View down over potatoes, onions, shallots and sweetcorn

Runner beans

Saturday July 8th
Interesting times today. Had a lot of high points and a couple of lows, but that´s gardening. Went up early for a Saturday (9.20am) having managed to organise shopping etc last night. Took up the tray of baby kale and Rudolph PSB that were still hanging on for dear life, and planted four of the best ones in the middle of the existing PSB bed. Hopefully they´ll grow and catch up. Then fired up the strimmer and went round the plots, making sure it´s all nice and neat for Tuesday (when the town´s being judged as part of Britain in Bloom). Then began the main weeding task of the rest of the beds. Worked my way round, starting with the carrot bed, and blast it, the newly sprouted lot have vanished AGAIN. I wish I knew what was eating them! Planted more (sigh). Took off the covering of the red cabbages so I could get at them, and was gobsmacked at the size of the cabbages. That´s my foot in the pic - and I´m a size 7... They are just starting to heart up, which is good.


Moved my way gradually round the beds of both plots, getting shot of as many weeds as I could. There´s a lot of scarlet pimpernel this year - the old compost heap must have been full of it as they are mostly in the topped-up beds. French beans still pathetic - am seriously thinking of going and buying more seed as what I have is obviously useless. Runner beans flowering but not setting: the cooler weather should sort that out. Two butternuts seem to have set. 100% improvement on last year! Shallots doing nicely, onions seem to be ok (no more have fallen over). Courgettes still small (apart from the ones in the sweetcorn, which are huge, and the self-set, which is trying to take over the manure heap). Soya beans are flowering now.

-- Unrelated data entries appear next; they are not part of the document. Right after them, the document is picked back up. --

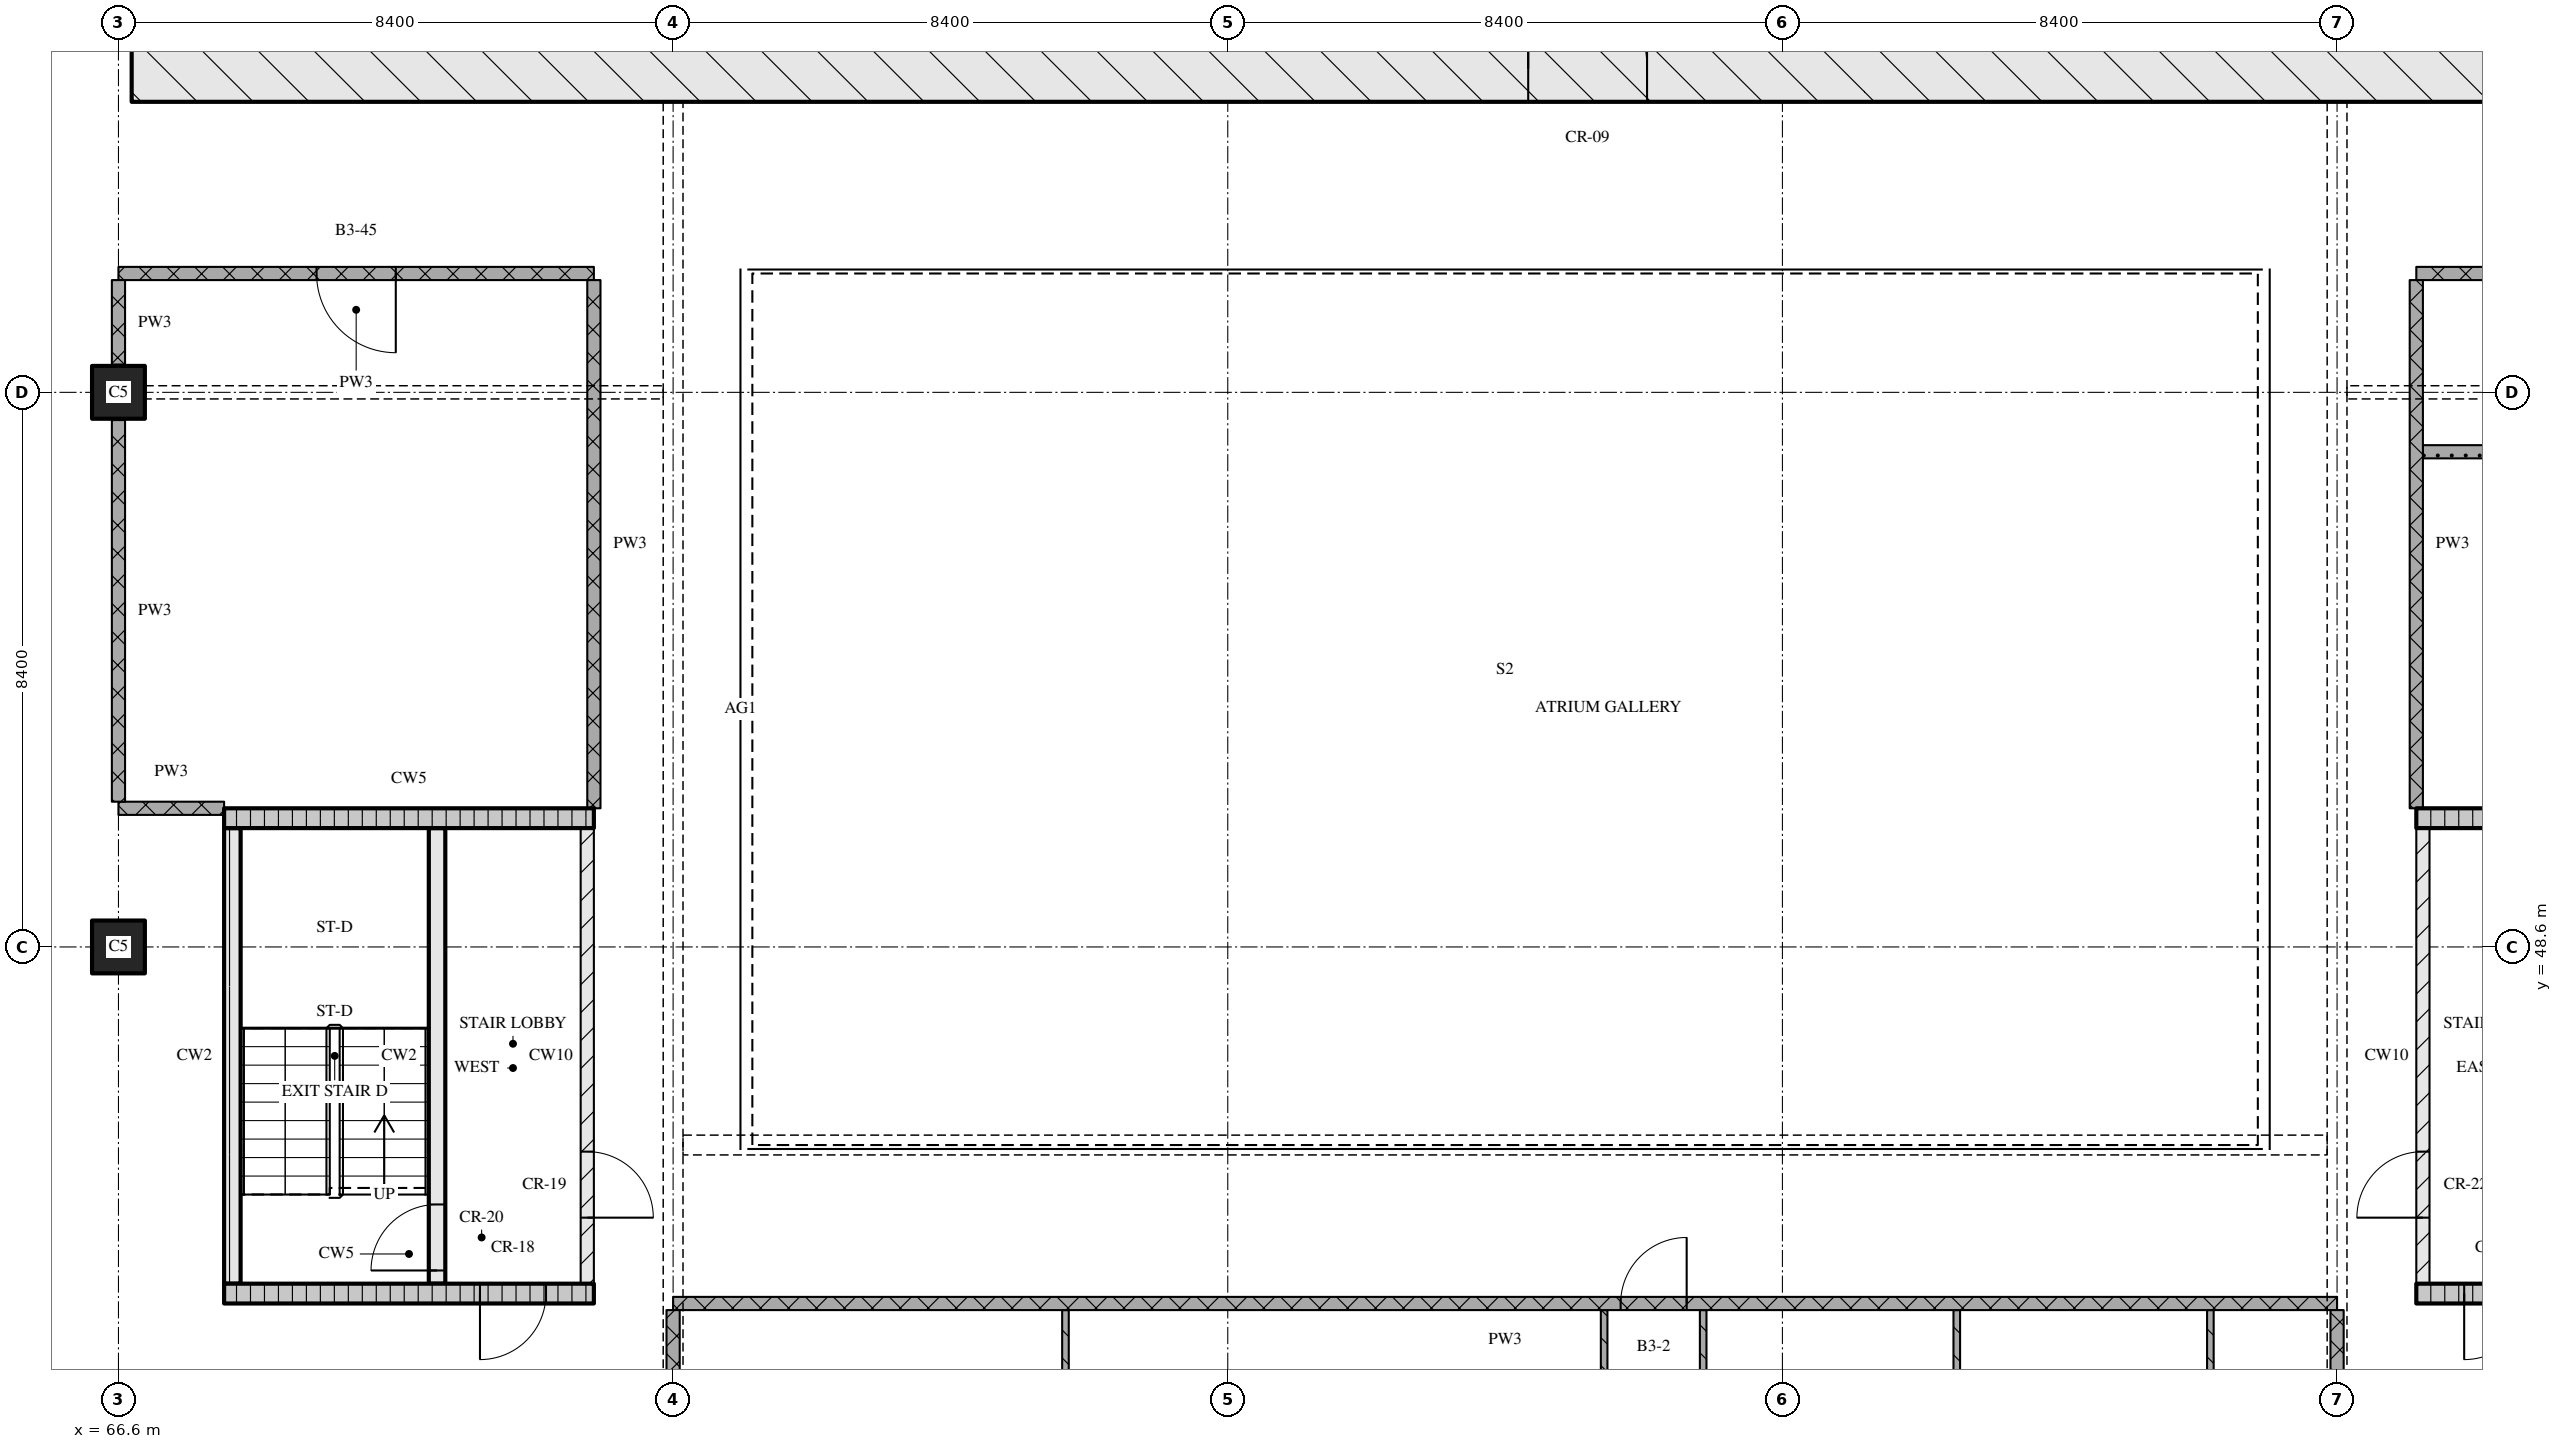
"""IFC4 building model, lengths in metres.
Left out: names, types, materials, properties, quantities, classifications, styles, units other than length and angle.
Written with IfcOpenShell. Run it as: python <this file> out.ifc"""

import sys

from ifc_helpers import new_model, si_unit, direction, frame, frame_2d, origin, origin_2d, place, context, subcontext, project, spatial, rectangle, extrude, element, fill, save


model = new_model("IFC4")
c1 = context("Model", 3, precision=1e-05, world=origin(), true_north=direction((0.0, 1.0)))
c2 = subcontext(c1, "Body", "Model", "MODEL_VIEW")
j1 = project(units=[si_unit("LENGTHUNIT", "METRE"), si_unit("PLANEANGLEUNIT", "RADIAN")], contexts=[c1])
p1 = place(None, origin())
s1 = spatial("IfcSite", under=j1, at=p1, CompositionType="ELEMENT")
p2 = place(p1, origin())
s2 = spatial("IfcBuilding", under=s1, at=p2, CompositionType="ELEMENT")
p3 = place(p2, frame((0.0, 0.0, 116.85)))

But then I noticed the black patches on the Pink Fir Apple potatoes. Uh oh. Blight? Well, there´s a question... see pic to the right. I have never seen anything like it. (If anyone has, please email me at the address on the home page!). I cut off one piece and took it home to try and see if it was blight, and went through all the pest and disease sections, and a good chunk of Google trying to get a match. Doesn´t look like any blight I´ve seen before.  It was symmetric! Anyone??? (I later went back after Dr Who and cut off all visibly affected parts, and will watch it carefully. Any sign of spread or plant collapse and out the plants come).


Back to the weeding, finally got round the majority of the plot (I´m ignoring the orchard!) and then embarked on the raspberry picking.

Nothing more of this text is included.